Hola Juan Pa... primero queria agradecerte por este foro muy gueno que encontre por casualidades de la vida. Y por las preguntas y respuestas que he visto, creo que me quedo aqui, ya que no encontrado ni una pagina buena que hable sobre macros en Excel como esta.

 Bueno ahora a la pregunta.

Yo soy novato en esto de las macros, se de Visual, pero jamas me he metido en esto y quiero comenzar a aprenderlo. Y mi pregunta es de cómo hacer un simple combo box para listar una cantidad pequeña de nombres para que la persona que lo utilize, solo tenga que seleccionarlos de la lista y no tener que escribirlos. Pensando, se me ocurrió que podria anotar una pequeña BD de los nombres en otra hoja del mismo libro y crear el combo box a partir de este, pero no se dónde anotar las lineas de código, ni qué código tengo que anotar, ni cómo ejecutar la macro.

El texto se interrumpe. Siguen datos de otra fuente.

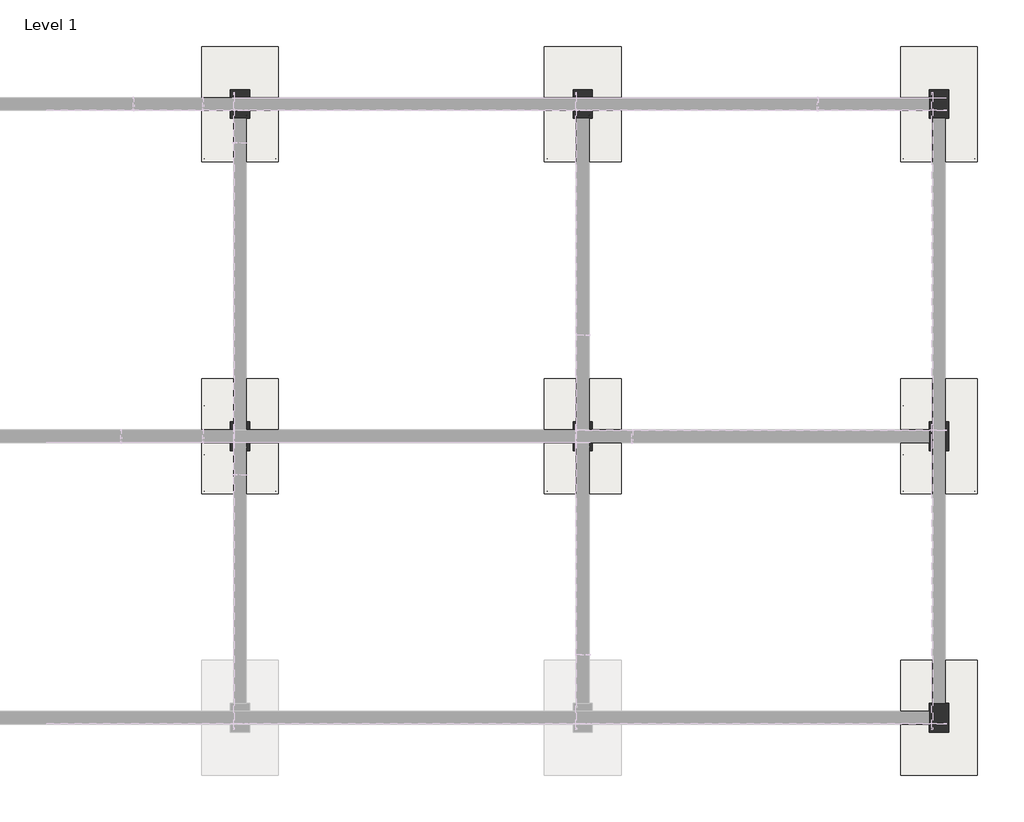
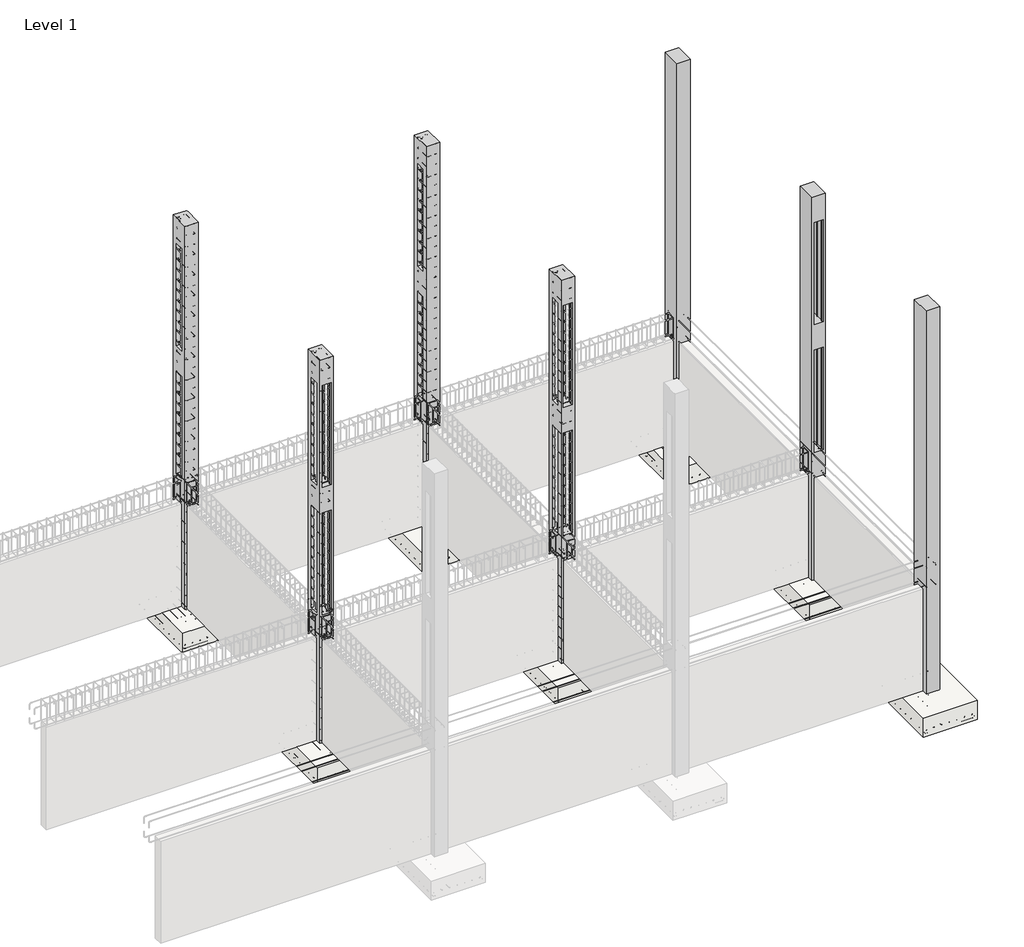
# One storey, part 2 of 8: 7 columns, 7 slabs.
"""IFC4 building model written with IfcOpenShell, lengths in millimetres."""

from ifc_helpers import new_model, si_unit, frame, origin, place, context, project, spatial, polyline, outline, extrude, faceted_brep, element, save

model = new_model("IFC4")

# Units and contexts
model_context = context("Model", 3, world=origin())
ifc_project = project(units=[si_unit("LENGTHUNIT", "METRE", prefix="MILLI")], contexts=[model_context])

# Site, building, storey
site = spatial("IfcSite", under=ifc_project)
building = spatial("IfcBuilding", under=site)
storey = spatial("IfcBuildingStorey", under=building, Name="Level 1", Elevation=0.0)

# Columns
placement = place(None, origin())
element("IfcColumn", 1, ObjectType="Concrete-Rectangular-Column : 12 x 18", at=placement, inside=storey, context=model_context, shape_type="Brep", body=[
    faceted_brep([(-14513.8601545, 13100.2555262, 0.0), (-14209.0601545, 13100.2555262, 0.0), (-14209.0601545, 12973.2555262, 0.0), (-14513.8601545, 12973.2555262, 0.0), (-14209.0601545, 13100.2555262, 9144.0), (-14209.0601545, 13024.0555262, 9144.0), (-14209.0601545, 12719.2555262, 9144.0), (-14209.0601545, 12643.0555262, 9144.0), (-14209.0601545, 12643.0555262, 0.0), (-14209.0601545, 12770.0555262, 0.0), (-14209.0601545, 12770.0555262, 2438.4), (-14209.0601545, 12973.2555262, 2438.4), (-14209.0601545, 12770.0555262, 3048.0), (-14209.0601545, 12770.0555262, 5486.4), (-14209.0601545, 12973.2555262, 5486.4), (-14209.0601545, 12973.2555262, 3048.0), (-14209.0601545, 12770.0555262, 6096.0), (-14209.0601545, 12770.0555262, 8534.4), (-14209.0601545, 12973.2555262, 8534.4), (-14209.0601545, 12973.2555262, 6096.0), (-14513.8601545, 12643.0555262, 0.0), (-14463.0601545, 12643.0555262, 0.0), (-14259.8601545, 12643.0555262, 0.0), (-14513.8601545, 12643.0555262, 9144.0), (-14513.8601545, 12719.2555262, 9144.0), (-14513.8601545, 13024.0555262, 9144.0), (-14513.8601545, 13100.2555262, 9144.0), (-14513.8601545, 12973.2555262, 2438.4), (-14513.8601545, 12770.0555262, 2438.4), (-14513.8601545, 12770.0555262, 0.0), (-14513.8601545, 12770.0555262, 5486.4), (-14513.8601545, 12770.0555262, 3048.0), (-14513.8601545, 12973.2555262, 3048.0), (-14513.8601545, 12973.2555262, 5486.4), (-14513.8601545, 12770.0555262, 8534.4), (-14513.8601545, 12770.0555262, 6096.0), (-14513.8601545, 12973.2555262, 6096.0), (-14513.8601545, 12973.2555262, 8534.4)], [[[0, 1, 2, 3]], [[4, 5, 6, 7, 8, 9, 10, 11, 2, 1], [12, 13, 14, 15], [16, 17, 18, 19]], [[20, 21, 22, 8, 7, 23]], [[20, 23, 24, 25, 26, 0, 3, 27, 28, 29], [30, 31, 32, 33], [34, 35, 36, 37]], [[1, 0, 26, 4]], [[7, 6, 5, 4, 26, 25, 24, 23]], [[9, 29, 28, 10]], [[3, 2, 11, 27]], [[11, 10, 28, 27]], [[8, 22, 21, 20, 29, 9]], [[30, 13, 12, 31]], [[32, 15, 14, 33]], [[31, 12, 15, 32]], [[13, 30, 33, 14]], [[34, 17, 16, 35]], [[36, 19, 18, 37]], [[35, 16, 19, 36]], [[17, 34, 37, 18]]]),
])
element("IfcColumn", 2, ObjectType="Concrete-Rectangular-Column : 12 x 18", at=placement, inside=storey, context=model_context, shape_type="Brep", body=[
    faceted_brep([(-9068.0732157, 13100.2555262, 0.0), (-8763.2732157, 13100.2555262, 0.0), (-8763.2732157, 12973.2555262, 0.0), (-9068.0732157, 12973.2555262, 0.0), (-8763.2732157, 13100.2555262, 9144.0), (-8763.2732157, 13024.0555262, 9144.0), (-8763.2732157, 12719.2555262, 9144.0), (-8763.2732157, 12643.0555262, 9144.0), (-8763.2732157, 12643.0555262, 0.0), (-8763.2732157, 12770.0555262, 0.0), (-8763.2732157, 12770.0555262, 2438.4), (-8763.2732157, 12973.2555262, 2438.4), (-8763.2732157, 12770.0555262, 3048.0), (-8763.2732157, 12770.0555262, 5486.4), (-8763.2732157, 12973.2555262, 5486.4), (-8763.2732157, 12973.2555262, 3048.0), (-8763.2732157, 12770.0555262, 6096.0), (-8763.2732157, 12770.0555262, 8534.4), (-8763.2732157, 12973.2555262, 8534.4), (-8763.2732157, 12973.2555262, 6096.0), (-9068.0732157, 12643.0555262, 0.0), (-9017.2732157, 12643.0555262, 0.0), (-8814.0732157, 12643.0555262, 0.0), (-9068.0732157, 12643.0555262, 9144.0), (-9068.0732157, 12719.2555262, 9144.0), (-9068.0732157, 13024.0555262, 9144.0), (-9068.0732157, 13100.2555262, 9144.0), (-9068.0732157, 12973.2555262, 2438.4), (-9068.0732157, 12770.0555262, 2438.4), (-9068.0732157, 12770.0555262, 0.0), (-9068.0732157, 12770.0555262, 5486.4), (-9068.0732157, 12770.0555262, 3048.0), (-9068.0732157, 12973.2555262, 3048.0), (-9068.0732157, 12973.2555262, 5486.4), (-9068.0732157, 12770.0555262, 8534.4), (-9068.0732157, 12770.0555262, 6096.0), (-9068.0732157, 12973.2555262, 6096.0), (-9068.0732157, 12973.2555262, 8534.4)], [[[0, 1, 2, 3]], [[4, 5, 6, 7, 8, 9, 10, 11, 2, 1], [12, 13, 14, 15], [16, 17, 18, 19]], [[20, 21, 22, 8, 7, 23]], [[20, 23, 24, 25, 26, 0, 3, 27, 28, 29], [30, 31, 32, 33], [34, 35, 36, 37]], [[1, 0, 26, 4]], [[7, 6, 5, 4, 26, 25, 24, 23]], [[9, 29, 28, 10]], [[3, 2, 11, 27]], [[11, 10, 28, 27]], [[8, 22, 21, 20, 29, 9]], [[30, 13, 12, 31]], [[32, 15, 14, 33]], [[31, 12, 15, 32]], [[13, 30, 33, 14]], [[34, 17, 16, 35]], [[36, 19, 18, 37]], [[35, 16, 19, 36]], [[17, 34, 37, 18]]]),
])
element("IfcColumn", 3, ObjectType="Concrete-Rectangular-Column : 12 x 18", at=placement, inside=storey, context=model_context, shape_type="Brep", body=[
    faceted_brep([(-3103.459716, 13100.2555262, 0.0), (-3103.459716, 12643.0555262, 0.0), (-3154.259716, 12643.0555262, 0.0), (-3357.459716, 12643.0555262, 0.0), (-3408.259716, 12643.0555262, 0.0), (-3408.259716, 12770.0555262, 0.0), (-3408.259716, 12973.2555262, 0.0), (-3408.259716, 13100.2555262, 0.0), (-3103.459716, 13100.2555262, 9144.0), (-3103.459716, 12643.0555262, 9144.0), (-3408.259716, 12643.0555262, 9144.0), (-3408.259716, 13100.2555262, 9144.0)], [[[0, 1, 2, 3, 4, 5, 6, 7]], [[8, 9, 1, 0]], [[9, 10, 4, 3, 2, 1]], [[10, 11, 7, 6, 5, 4]], [[11, 8, 0, 7]], [[8, 11, 10, 9]]]),
])
element("IfcColumn", 4, ObjectType="Concrete-Rectangular-Column : 12 x 18", at=placement, inside=storey, context=model_context, shape_type="Brep", body=[
    faceted_brep([(-3408.259716, 7364.6820829, 0.0), (-3408.259716, 7491.6820829, 0.0), (-3408.259716, 7694.8820829, 0.0), (-3408.259716, 7821.8820829, 0.0), (-3357.459716, 7821.8820829, 0.0), (-3357.459716, 7364.6820829, 0.0), (-3103.459716, 7364.6820829, 0.0), (-3103.459716, 7821.8820829, 0.0), (-3103.459716, 7821.8820829, 2438.4), (-3103.459716, 7821.8820829, 3048.0), (-3103.459716, 7821.8820829, 5486.4), (-3103.459716, 7821.8820829, 6096.0), (-3103.459716, 7821.8820829, 8534.4), (-3103.459716, 7821.8820829, 9144.0), (-3103.459716, 7364.6820829, 9144.0), (-3103.459716, 7364.6820829, 8534.4), (-3103.459716, 7364.6820829, 6096.0), (-3103.459716, 7364.6820829, 5486.4), (-3103.459716, 7364.6820829, 3048.0), (-3103.459716, 7364.6820829, 2438.4), (-3408.259716, 7364.6820829, 9144.0), (-3408.259716, 7364.6820829, 8534.4), (-3408.259716, 7364.6820829, 6096.0), (-3408.259716, 7364.6820829, 5486.4), (-3408.259716, 7364.6820829, 3048.0), (-3408.259716, 7364.6820829, 2438.4), (-3357.459716, 7364.6820829, 2438.4), (-3154.259716, 7364.6820829, 2438.4), (-3154.259716, 7364.6820829, 0.0), (-3357.459716, 7364.6820829, 3048.0), (-3357.459716, 7364.6820829, 5486.4), (-3154.259716, 7364.6820829, 5486.4), (-3154.259716, 7364.6820829, 3048.0), (-3357.459716, 7364.6820829, 6096.0), (-3357.459716, 7364.6820829, 8534.4), (-3154.259716, 7364.6820829, 8534.4), (-3154.259716, 7364.6820829, 6096.0), (-3408.259716, 7821.8820829, 9144.0), (-3408.259716, 7821.8820829, 8534.4), (-3408.259716, 7821.8820829, 6096.0), (-3408.259716, 7821.8820829, 5486.4), (-3408.259716, 7821.8820829, 3048.0), (-3408.259716, 7821.8820829, 2438.4), (-3154.259716, 7821.8820829, 0.0), (-3154.259716, 7821.8820829, 2438.4), (-3357.459716, 7821.8820829, 2438.4), (-3357.459716, 7821.8820829, 5486.4), (-3357.459716, 7821.8820829, 3048.0), (-3154.259716, 7821.8820829, 3048.0), (-3154.259716, 7821.8820829, 5486.4), (-3357.459716, 7821.8820829, 8534.4), (-3357.459716, 7821.8820829, 6096.0), (-3154.259716, 7821.8820829, 6096.0), (-3154.259716, 7821.8820829, 8534.4)], [[[0, 1, 2, 3, 4, 5]], [[6, 7, 8, 9, 10, 11, 12, 13, 14, 15, 16, 17, 18, 19]], [[6, 19, 18, 17, 16, 15, 14, 20, 21, 22, 23, 24, 25, 0, 5, 26, 27, 28], [29, 30, 31, 32], [33, 34, 35, 36]], [[3, 2, 1, 0, 25, 24, 23, 22, 21, 20, 37, 38, 39, 40, 41, 42]], [[13, 12, 11, 10, 9, 8, 7, 43, 44, 45, 4, 3, 42, 41, 40, 39, 38, 37], [46, 47, 48, 49], [50, 51, 52, 53]], [[14, 13, 37, 20]], [[5, 4, 45, 26]], [[43, 28, 27, 44]], [[27, 26, 45, 44]], [[7, 6, 28, 43]], [[46, 30, 29, 47]], [[48, 32, 31, 49]], [[47, 29, 32, 48]], [[30, 46, 49, 31]], [[50, 34, 33, 51]], [[52, 36, 35, 53]], [[51, 33, 36, 52]], [[34, 50, 53, 35]]]),
])
element("IfcColumn", 5, ObjectType="Concrete-Rectangular-Column : 12 x 18", at=placement, inside=storey, context=model_context, shape_type="Brep", body=[
    faceted_brep([(-9068.0732157, 7694.8820829, 0.0), (-9068.0732157, 7821.8820829, 0.0), (-9017.2732157, 7821.8820829, 0.0), (-9017.2732157, 7694.8820829, 0.0), (-8763.2732157, 7821.8820829, 9144.0), (-8763.2732157, 7745.6820829, 9144.0), (-8763.2732157, 7440.8820829, 9144.0), (-8763.2732157, 7364.6820829, 9144.0), (-8763.2732157, 7364.6820829, 8534.4), (-8763.2732157, 7364.6820829, 6096.0), (-8763.2732157, 7364.6820829, 5486.4), (-8763.2732157, 7364.6820829, 3048.0), (-8763.2732157, 7364.6820829, 2438.4), (-8763.2732157, 7364.6820829, 0.0), (-8763.2732157, 7491.6820829, 0.0), (-8763.2732157, 7491.6820829, 2438.4), (-8763.2732157, 7694.8820829, 2438.4), (-8763.2732157, 7694.8820829, 0.0), (-8763.2732157, 7821.8820829, 0.0), (-8763.2732157, 7821.8820829, 2438.4), (-8763.2732157, 7821.8820829, 3048.0), (-8763.2732157, 7821.8820829, 5486.4), (-8763.2732157, 7821.8820829, 6096.0), (-8763.2732157, 7821.8820829, 8534.4), (-8763.2732157, 7491.6820829, 3048.0), (-8763.2732157, 7491.6820829, 5486.4), (-8763.2732157, 7694.8820829, 5486.4), (-8763.2732157, 7694.8820829, 3048.0), (-8763.2732157, 7491.6820829, 6096.0), (-8763.2732157, 7491.6820829, 8534.4), (-8763.2732157, 7694.8820829, 8534.4), (-8763.2732157, 7694.8820829, 6096.0), (-9068.0732157, 7364.6820829, 9144.0), (-9068.0732157, 7364.6820829, 8534.4), (-9068.0732157, 7364.6820829, 6096.0), (-9068.0732157, 7364.6820829, 5486.4), (-9068.0732157, 7364.6820829, 3048.0), (-9068.0732157, 7364.6820829, 2438.4), (-9068.0732157, 7364.6820829, 0.0), (-9017.2732157, 7364.6820829, 0.0), (-9017.2732157, 7364.6820829, 2438.4), (-8814.0732157, 7364.6820829, 2438.4), (-8814.0732157, 7364.6820829, 0.0), (-9017.2732157, 7364.6820829, 3048.0), (-9017.2732157, 7364.6820829, 5486.4), (-8814.0732157, 7364.6820829, 5486.4), (-8814.0732157, 7364.6820829, 3048.0), (-9017.2732157, 7364.6820829, 6096.0), (-9017.2732157, 7364.6820829, 8534.4), (-8814.0732157, 7364.6820829, 8534.4), (-8814.0732157, 7364.6820829, 6096.0), (-9068.0732157, 7440.8820829, 9144.0), (-9068.0732157, 7745.6820829, 9144.0), (-9068.0732157, 7821.8820829, 9144.0), (-9068.0732157, 7821.8820829, 8534.4), (-9068.0732157, 7821.8820829, 6096.0), (-9068.0732157, 7821.8820829, 5486.4), (-9068.0732157, 7821.8820829, 3048.0), (-9068.0732157, 7821.8820829, 2438.4), (-9068.0732157, 7694.8820829, 2438.4), (-9068.0732157, 7491.6820829, 2438.4), (-9068.0732157, 7491.6820829, 0.0), (-9068.0732157, 7491.6820829, 5486.4), (-9068.0732157, 7491.6820829, 3048.0), (-9068.0732157, 7694.8820829, 3048.0), (-9068.0732157, 7694.8820829, 5486.4), (-9068.0732157, 7491.6820829, 8534.4), (-9068.0732157, 7491.6820829, 6096.0), (-9068.0732157, 7694.8820829, 6096.0), (-9068.0732157, 7694.8820829, 8534.4), (-8814.0732157, 7821.8820829, 0.0), (-8814.0732157, 7821.8820829, 2438.4), (-9017.2732157, 7821.8820829, 2438.4), (-9017.2732157, 7821.8820829, 5486.4), (-9017.2732157, 7821.8820829, 3048.0), (-8814.0732157, 7821.8820829, 3048.0), (-8814.0732157, 7821.8820829, 5486.4), (-9017.2732157, 7821.8820829, 8534.4), (-9017.2732157, 7821.8820829, 6096.0), (-8814.0732157, 7821.8820829, 6096.0), (-8814.0732157, 7821.8820829, 8534.4), (-9017.2732157, 7491.6820829, 2438.4), (-9017.2732157, 7491.6820829, 0.0), (-8814.0732157, 7694.8820829, 2438.4), (-8814.0732157, 7694.8820829, 0.0), (-8814.0732157, 7491.6820829, 2438.4), (-9017.2732157, 7694.8820829, 2438.4), (-8814.0732157, 7491.6820829, 0.0), (-9017.2732157, 7491.6820829, 5486.4), (-9017.2732157, 7491.6820829, 3048.0), (-8814.0732157, 7694.8820829, 5486.4), (-8814.0732157, 7694.8820829, 3048.0), (-9017.2732157, 7694.8820829, 3048.0), (-8814.0732157, 7491.6820829, 3048.0), (-8814.0732157, 7491.6820829, 5486.4), (-9017.2732157, 7694.8820829, 5486.4), (-9017.2732157, 7491.6820829, 8534.4), (-9017.2732157, 7491.6820829, 6096.0), (-8814.0732157, 7694.8820829, 8534.4), (-8814.0732157, 7694.8820829, 6096.0), (-9017.2732157, 7694.8820829, 6096.0), (-8814.0732157, 7491.6820829, 6096.0), (-8814.0732157, 7491.6820829, 8534.4), (-9017.2732157, 7694.8820829, 8534.4)], [[[0, 1, 2, 3]], [[4, 5, 6, 7, 8, 9, 10, 11, 12, 13, 14, 15, 16, 17, 18, 19, 20, 21, 22, 23], [24, 25, 26, 27], [28, 29, 30, 31]], [[13, 12, 11, 10, 9, 8, 7, 32, 33, 34, 35, 36, 37, 38, 39, 40, 41, 42], [43, 44, 45, 46], [47, 48, 49, 50]], [[38, 37, 36, 35, 34, 33, 32, 51, 52, 53, 54, 55, 56, 57, 58, 1, 0, 59, 60, 61], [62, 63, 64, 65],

Gracias y te felicito por lo que estas haciendo. Que Dios te bendiga.


----------



## Juan Pablo González

Lo más facil es usar Validación de Datos.

Primero, en alguna hoja del libro, se pone la BD de los datos "admitidos".  Después, se selecciona este rango, y en el cuadro de nombre, a la izquierda de la barra de fórmulas, se le pone un nombre a este rango, algo como *Lista*

Luego, en la celda donde se quiere poner el ComboBox se va a Datos | Validación.

Ahí, se selecciona "Lista" y en el cuadro de abajo se pone

=Lista

y listo ! ya está funcionando... sin código, y sin nada complicado.

Saludos


----------



## Gabriel Jazzis

*Me resultó, pero...*

Está muy bien lo que me dijiste, pero sólo resulta en la hoja donde uno ingresa esos nombres, pero lo que yo necesito es tener esos nombres en una hoja a parte y de ahí linkearlos para poder usarlos en varias otras hojas. 

¿Si es posible?, también podría ser tener una pequeña BD en un fichero XLS a parte, donde pueda tener los items, nombres, etc. y de ahí linkearlos para poderlos usar en otros ficheros XLS y así automatizar mucho mejor el trabajo.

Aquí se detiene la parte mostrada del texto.